Right or Wrong…There’s a Holiday for That

Photo courtesy: https://insightfulsway.wordpress.com/2015/05/06/right-and-wrong-are-just-words/

Michelle and I try to keep things fresh and interesting here on One Unified. We like to write about, interview people, bring you topics that we find intriguing, heartwarming, entertaining and sometimes just amusing…things we have interest in. Sometimes, however, we need a little help. Sometimes it comes from a reader and occasionally we rely on holidays and events. That being said, we came across two consecutive holidays this week that clearly are designed to be back to back (and silly). Today is Everything You Think Is Wrong Day, which discourages people from making decisions and serves as a reminder that we’re not always right. That’s followed up on Wednesday by National Everything You Do is Right Day, a day to feel good about everything you do.

While these two “holidays” are a bit absurd, and seem somewhat trite to write a post about, it made me think. We certainly don’t need a day to make mistakes or a day to recognize the things we’ve done well, but it doesn’t hurt to have a reminder to reflect. All of us make mistakes. Yes, all of us. Some of us are more willing to admit when we’ve done something wrong, even when it bruises our ego. There are those that take responsibility for things we shouldn’t. And then there are others who are not so quick to offer up admissions of wrong doing ever. And the same goes for when we’ve done things well. There are two extremes there too. We either beat ourselves up and don’t give ourselves credit when we deserve to or the flip side: those that take their “wins” to the other extreme and seem to tell everyone all their accolades.

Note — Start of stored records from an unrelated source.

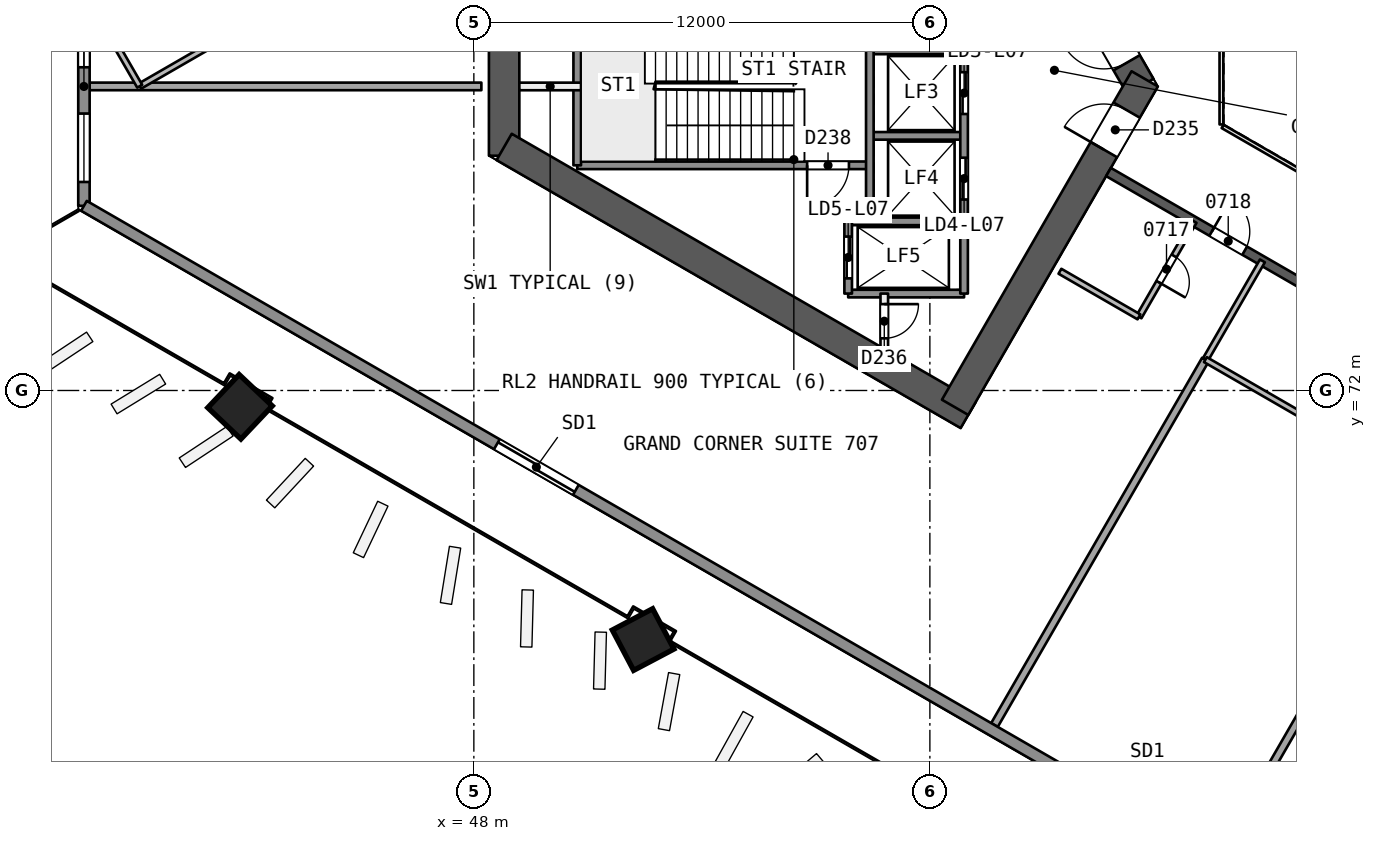
"""IFC4 building model, lengths in metres.
Left out: names, types, materials, properties, quantities, classifications, styles, units other than length and angle.
Written with IfcOpenShell. Run it as: python <this file> out.ifc"""

import sys

from ifc_helpers import new_model, si_unit, direction, frame, frame_2d, origin, origin_2d, place, context, subcontext, project, spatial, rectangle, extrude, element, fill, save


model = new_model("IFC4")
c1 = context("Model", 3, precision=1e-05, world=origin(), true_north=direction((0.0, 1.0)))
c2 = subcontext(c1, "Body", "Model", "MODEL_VIEW")
j1 = project(units=[si_unit("LENGTHUNIT", "METRE"), si_unit("PLANEANGLEUNIT", "RADIAN")], contexts=[c1])
p1 = place(None, origin())
s1 = spatial("IfcSite", under=j1, at=p1, CompositionType="ELEMENT")
p2 = place(p1, origin())
s2 = spatial("IfcBuilding", under=s1, at=p2, CompositionType="ELEMENT")
p3 = place(p2, frame((0.0, 0.0, 37.4)))
s3 = spatial("IfcBuildingStorey", under=s2, at=p3, CompositionType="ELEMENT", Elevation=37.4)
p4 = place(p3, frame((65.538, 80.0, 0.0), z_axis=(0.0, 0.0, 1.0), x_axis=(-0.49999662545, 0.866027352073, 0.0)))
e1 = element("IfcWall", 1, at=p4, inside=s3, PredefinedType="SHEAR", context=c2, shape_type="SweptSolid", body=[
    extrude(rectangle(XDim=10.149, YDim=0.8, at=frame_2d((5.074, 0.0))), origin(), (0.0, 0.0, 1.0), 3.7),
])
p5 = place(p4, frame((0.719, 0.0, 0.0)))
e2 = element("IfcOpeningElement", 2, at=p5, cuts=e1, PredefinedType="OPENING", context=c2, shape_type="SweptSolid", body=[
    extrude(rectangle(XDim=1.2, YDim=2.1, at=frame_2d((0.6, 1.05))), frame((0.0, 0.411, 0.0), z_axis=(0.0, -1.0, 0.0), x_axis=(1.0, 0.0, 0.0)), (0.0, 0.0, 1.0), 0.821),
])
p6 = place(p3, frame((48.797, 81.592, 0.0), z_axis=(0.0, 0.0, 1.0), x_axis=(0.0, -1.0, 0.0)))
e3 = element("IfcWall", 3, at=p6, inside=s3, PredefinedType="SHEAR", context=c2, shape_type="SweptSolid", body=[
    extrude(rectangle(XDim=3.415, YDim=0.8, at=frame_2d((1.707, 0.0))), origin(), (0.0, 0.0, 1.0), 3.7),
])
p7 = place(p3, frame((48.797, 78.408, 0.0), z_axis=(0.0, 0.0, 1.0), x_axis=(0.866032504327, -0.499987701298, 0.0)))
e4 = element("IfcWall", 4, at=p7, inside=s3, PredefinedType="SHEAR", context=c2, shape_type="SweptSolid", body=[
    extrude(rectangle(XDim=14.102, YDim=0.8, at=frame_2d((7.051, 0.0))), origin(), (0.0, 0.0, 1.0), 3.7),
])
p8 = place(p3, frame((60.664, 71.557, 0.0), z_axis=(0.0, 0.0, 1.0), x_axis=(0.50000409368, 0.866023040284, 0.0)))
e5 = element("IfcWall", 5, at=p8, inside=s3, PredefinedType="SHEAR", context=c2, shape_type="SweptSolid", body=[
    extrude(rectangle(XDim=9.98, YDim=0.8, at=frame_2d((4.99, 0.0))), origin(), (0.0, 0.0, 1.0), 3.7),
])
p9 = place(p8, frame((7.83, 0.0, 0.0)))
e6 = element("IfcOpeningElement", 6, at=p9, cuts=e5, PredefinedType="OPENING", context=c2, shape_type="SweptSolid", body=[
    extrude(rectangle(XDim=1.2, YDim=2.1, at=frame_2d((0.6, 1.05))), frame((0.0, 0.411, 0.0), z_axis=(0.0, -1.0, 0.0), x_axis=(1.0, 0.0, 0.0)), (0.0, 0.0, 1.0), 0.821),
])
p10 = place(p3, frame((64.7, 77.748, 0.0), z_axis=(0.0, 0.0, 1.0), x_axis=(0.866026492143, -0.499998114903, 0.0)))
e7 = element("IfcWall", 7, at=p10, inside=s3, PredefinedType="SHEAR", context=c2, shape_type="SweptSolid", body=[
    extrude(rectangle(XDim=15.588, YDim=0.25, at=frame_2d((7.794, 0.0))), origin(), (0.0, 0.0, 1.0), 3.2),
])
p11 = place(p10, frame((3.138, 0.0, 0.0)))
e8 = element("IfcOpeningElement", 8, at=p11, cuts=e7, PredefinedType="OPENING", context=c2, shape_type="SweptSolid", body=[
    extrude(rectangle(XDim=1.0, YDim=2.1, at=frame_2d((0.5, 1.05))), frame((0.0, 0.135, 0.0), z_axis=(0.0, -1.0, 0.0), x_axis=(1.0, 0.0, 0.0)), (0.0, 0.0, 1.0), 0.271),
])
p12 = place(p10, frame((9.006, 0.0, 0.0)))
e9 = element("IfcOpeningElement", 9, at=p12, cuts=e7, PredefinedType="OPENING", context=c2, shape_type="SweptSolid", body=[
    extrude(rectangle(XDim=1.1, YDim=2.1, at=frame_2d((0.55, 1.05))), frame((0.0, 0.135, 0.0), z_axis=(0.0, -1.0, 0.0), x_axis=(1.0, 0.0, 0.0)), (0.0, 0.0, 1.0), 0.271),
])
p13 = place(p10, frame((11.762, 0.0, 0.0)))
e10 = element("IfcOpeningElement", 10, at=p13, cuts=e7, PredefinedType="OPENING", context=c2, shape_type="SweptSolid", body=[
    extrude(rectangle(XDim=1.0, YDim=2.1, at=frame_2d((0.5, 1.05))), frame((0.0, 0.135, 0.0), z_axis=(0.0, -1.0, 0.0), x_axis=(1.0, 0.0, 0.0)), (0.0, 0.0, 1.0), 0.271),
])
p14 = place(p3, frame((41.813, 71.562, 0.0), z_axis=(0.028557219273, 0.006859008786, 0.999568626571), x_axis=(-0.86641042505, 0.498876758723, 0.021329673472)))
e11 = element("IfcColumn", 11, at=p14, inside=s3, PredefinedType="COLUMN", context=c2, shape_type="SweptSolid", body=[
    extrude(rectangle(XDim=1.2, YDim=1.2, at=origin_2d()), origin(), (0.0, 0.0, 1.0), 3.702),
])
p15 = place(p3, frame((52.431, 65.432, 0.0), z_axis=(0.019327242333, 0.012137244332, 0.999739538582), x_axis=(-0.865690923328, 0.500465374709, 0.010659924227)))
e12 = element("IfcColumn", 12, at=p15, inside=s3, PredefinedType="COLUMN", context=c2, shape_type="SweptSolid", body=[
    extrude(rectangle(XDim=1.2, YDim=1.2, at=origin_2d()), origin(), (0.0, 0.0, 1.0), 3.701),
])
p16 = place(p3, frame((41.459, 81.306, 0.0), z_axis=(0.0, 0.0, 1.0), x_axis=(-0.866021400173, -0.500006934395, 0.0)))
e13 = element("IfcWall", 13, at=p16, inside=s3, PredefinedType="PARTITIONING", context=c2, shape_type="SweptSolid", body=[
    extrude(rectangle(XDim=2.6, YDim=0.15, at=frame_2d((1.3, 0.0))), origin(), (0.0, 0.0, 1.0), 3.2),
])
p17 = place(p3, frame((39.208, 80.006, 0.0), z_axis=(0.0, 0.0, 1.0), x_axis=(-0.499992239852, 0.866029884062, 0.0)))
e14 = element("IfcWall", 14, at=p17, inside=s3, PredefinedType="PARTITIONING", context=c2, shape_type="SweptSolid", body=[
    extrude(rectangle(XDim=2.637, YDim=0.15, at=frame_2d((1.319, 0.0))), origin(), (0.0, 0.0, 1.0), 3.2),
])
p18 = place(p3, frame((37.889, 80.001, 0.0), z_axis=(0.0, 0.0, 1.0), x_axis=(1.0, 0.0, 0.0)))
e15 = element("IfcWall", 15, at=p18, inside=s3, PredefinedType="PARTITIONING", context=c2, shape_type="SweptSolid", body=[
    extrude(rectangle(XDim=10.309, YDim=0.2, at=frame_2d((5.155, 0.0))), origin(), (0.0, 0.0, 1.0), 3.2),
])
p19 = place(p3, frame((66.952, 76.448, 0.0), z_axis=(0.0, 0.0, 1.0), x_axis=(-0.499987231761, -0.866032775405, 0.0)))
e16 = element("IfcWall", 16, at=p19, inside=s3, PredefinedType="PARTITIONING", context=c2, shape_type="SweptSolid", body=[
    extrude(rectangle(XDim=2.9, YDim=0.15, at=frame_2d((1.45, 0.0))), origin(), (0.0, 0.0, 1.0), 3.2),
])
p20 = place(p19, frame((1.05, 0.0, 0.0)))
e17 = element("IfcOpeningElement", 17, at=p20, cuts=e16, PredefinedType="OPENING", context=c2, shape_type="SweptSolid", body=[
    extrude(rectangle(XDim=0.8, YDim=2.1, at=frame_2d((0.4, 1.05))), frame((0.0, 0.085, 0.0), z_axis=(0.0, -1.0, 0.0), x_axis=(1.0, 0.0, 0.0)), (0.0, 0.0, 1.0), 0.171),
])
p21 = place(p3, frame((65.502, 73.937, 0.0), z_axis=(0.0, 0.0, 1.0), x_axis=(-0.865994240961, 0.500053971709, 0.0)))
e18 = element("IfcWall", 18, at=p21, inside=s3, PredefinedType="PARTITIONING", context=c2, shape_type="SweptSolid", body=[
    extrude(rectangle(XDim=2.401, YDim=0.15, at=frame_2d((1.201, 0.0))), origin(), (0.0, 0.0, 1.0), 3.2),
])
p22 = place(p3, frame((61.699, 63.198, 0.0), z_axis=(0.0, 0.0, 1.0), x_axis=(0.499999115929, 0.866025914202, 0.0)))
e19 = element("IfcWall", 19, at=p22, inside=s3, PredefinedType="PARTITIONING", context=c2, shape_type="SweptSolid", body=[
    extrude(rectangle(XDim=11.102, YDim=0.2, at=frame_2d((5.551, 0.0))), origin(), (0.0, 0.0, 1.0), 3.2),
])
p23 = place(p3, frame((67.25, 72.812, 0.0), z_axis=(0.0, 0.0, 1.0), x_axis=(0.499990139034, 0.866031096941, 0.0)))
e20 = element("IfcWall", 20, at=p23, inside=s3, PredefinedType="PARTITIONING", context=c2, shape_type="SweptSolid", body=[
    extrude(rectangle(XDim=3.0, YDim=0.15, at=frame_2d((1.5, 0.0))), origin(), (0.0, 0.0, 1.0), 3.2),
])
p24 = place(p3, frame((69.761, 71.362, 0.0), z_axis=(0.0, 0.0, 1.0), x_axis=(-0.866032775405, 0.499987231761, 0.0)))
e21 = element("IfcWall", 21, at=p24, inside=s3, PredefinedType="PARTITIONING", context=c2, shape_type="SweptSolid", body=[
    extrude(rectangle(XDim=2.9, YDim=0.15, at=frame_2d((1.45, 0.0))), origin(), (0.0, 0.0, 1.0), 3.2),
])
p25 = place(p3, frame((67.639, 59.768, 0.0), z_axis=(0.0, 0.0, 1.0), x_axis=(0.499997206141, 0.866027016814, 0.0)))
e22 = element("IfcWall", 22, at=p25, inside=s3, PredefinedType="PARTITIONING", context=c2, shape_type="SweptSolid", body=[
    extrude(rectangle(XDim=14.102, YDim=0.2, at=frame_2d((7.051, 0.0))), origin(), (0.0, 0.0, 1.0), 3.2),
])
p26 = place(p3, frame((37.74, 76.859, 0.0), z_axis=(0.0, 0.0, 1.0), x_axis=(0.0, 1.0, 0.0)))
e23 = element("IfcWall", 23, at=p26, inside=s3, PredefinedType="SOLIDWALL", context=c2, shape_type="SweptSolid", body=[
    extrude(rectangle(XDim=6.283, YDim=0.3, at=frame_2d((3.141, 0.0))), origin(), (0.0, 0.0, 1.0), 3.2),
])
p27 = place(p26, frame((3.646, 0.0, 0.9)))
e24 = element("IfcOpeningElement", 24, at=p27, cuts=e23, PredefinedType="OPENING", context=c2, shape_type="SweptSolid", body=[
    extrude(rectangle(XDim=1.8, YDim=1.5, at=frame_2d((0.9, 0.75))), frame((0.0, 0.161, 0.0), z_axis=(0.0, -1.0, 0.0), x_axis=(1.0, 0.0, 0.0)), (0.0, 0.0, 1.0), 0.321),
])
p28 = place(p26, frame((0.628, 0.0, 0.9)))
e25 = element("IfcOpeningElement", 25, at=p28, cuts=e23, PredefinedType="OPENING", context=c2, shape_type="SweptSolid", body=[
    extrude(rectangle(XDim=1.8, YDim=1.5, at=frame_2d((0.9, 0.75))), frame((0.0, 0.161, 0.0), z_axis=(0.0, -1.0, 0.0), x_axis=(1.0, 0.0, 0.0)), (0.0, 0.0, 1.0), 0.321),
])
p29 = place(p3, frame((90.91, 46.161, 0.0), z_axis=(0.0, 0.0, 1.0), x_axis=(-0.866026524777, 0.499998058379, 0.0)))
e26 = element("IfcWall", 26, at=p29, inside=s3, PredefinedType="SOLIDWALL", context=c2, shape_type="SweptSolid", body=[
    extrude(rectangle(XDim=61.395, YDim=0.3, at=frame_2d((30.698, 0.0))), origin(), (0.0, 0.0, 1.0), 3.2),
])
p30 = place(p29, frame((29.186, 0.0, 0.0)))
e27 = element("IfcOpeningElement", 27, at=p30, cuts=e26, PredefinedType="OPENING", context=c2, shape_type="SweptSolid", body=[
    extrude(rectangle(XDim=2.4, YDim=2.4, at=frame_2d((1.2, 1.2))), frame((0.0, 0.161, 0.0), z_axis=(0.0, -1.0, 0.0), x_axis=(1.0, 0.0, 0.0)), (0.0, 0.0, 1.0), 0.321),
])
p31 = place(p29, frame((46.448, 0.0, 0.0)))
e28 = element("IfcOpeningElement", 28, at=p31, cuts=e26, PredefinedType="OPENING", context=c2, shape_type="SweptSolid", body=[
    extrude(rectangle(XDim=2.4, YDim=2.4, at=frame_2d((1.2, 1.2))), frame((0.0, 0.161, 0.0), z_axis=(0.0, -1.0, 0.0), x_axis=(1.0, 0.0, 0.0)), (0.0, 0.0, 1.0), 0.321),
])
p32 = place(p29, frame((12.235, 0.0, 0.0)))
e29 = element("IfcOpeningElement", 29, at=p32, cuts=e26, PredefinedType="OPENING", context=c2, shape_type="SweptSolid", body=[
    extrude(rectangle(XDim=2.4, YDim=2.4, at=frame_2d((1.2, 1.2))), frame((0.0, 0.161, 0.0), z_axis=(0.0, -1.0, 0.0), x_axis=(1.0, 0.0, 0.0)), (0.0, 0.0, 1.0), 0.321),
])
p33 = place(p3, frame((60.9, 80.95, 0.0), z_axis=(0.0, 0.0, 1.0), x_axis=(-1.0, 0.0, 0.0)))
e30 = element("IfcWall", 30, at=p33, inside=s3, PredefinedType="SOLIDWALL", context=c2, shape_type="SweptSolid", body=[
    extrude(rectangle(XDim=2.48, YDim=0.2, at=frame_2d((1.24, 0.0))), origin(), (0.0, 0.0, 1.0), 3.2),
])
p34 = place(p3, frame((50.82, 80.0, 0.0), z_axis=(0.0, 0.0, 1.0), x_axis=(-1.0, 0.0, 0.0)))
e31 = element("IfcWall", 31, at=p34, inside=s3, PredefinedType="PARTITIONING", context=c2, shape_type="SweptSolid", body=[
    extrude(rectangle(XDim=1.623, YDim=0.2, at=frame_2d((0.812, 0.0))), origin(), (0.0, 0.0, 1.0), 3.2),
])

I’ve made lots of mistakes in my life. Few of those mistakes do I regret. Even the ones that were risky, dangerous (even life threatening) and completely stupid. But life’s blunders are what they call “teachable moments”…things to learn from, to make us better. If we’re careful, it only takes one time to learn from those hiccups and we don’t continue to make the same mistakes over and over again. We don’t seek out opportunities to mess up, I’d like to think, but we shouldn’t be so afraid to make them. Doesn’t that just mean that we’re trying? So today, give yourself a break, learn from your bloopers, and don’t be too proud to admit your mistakes.
(Disclaimer: those with jobs that involve saving lives, please continue to avoid mistakes.)

Then tomorrow is everything you do is right day. It’s wonderful to give ourselves a pat on the back when we’ve done a good job at work, in life, at home, etc. I encourage you, especially those of you that do a little too much of the opposite, to really follow those instructions above. Let’s take it a step further though; make a point to tell someone else what a great job they did or how much you appreciate them. And for those of you that have no problem taking credit: by no means am I suggesting to not enjoy your successes. Absolutely, take pride in yourself! Instead, I suggest to remember to pay compliments as much as you compliment yourself.

As always, we love participation. Today, we ask you the following:
Why do you think people have a hard time admitting when they’re wrong or why would someone always blame themselves for things they didn’t do wrong? And on the opposite end: Why not give ourselves a well deserved pat on the back when we’ve done well or why must some find the need to take credit for everything?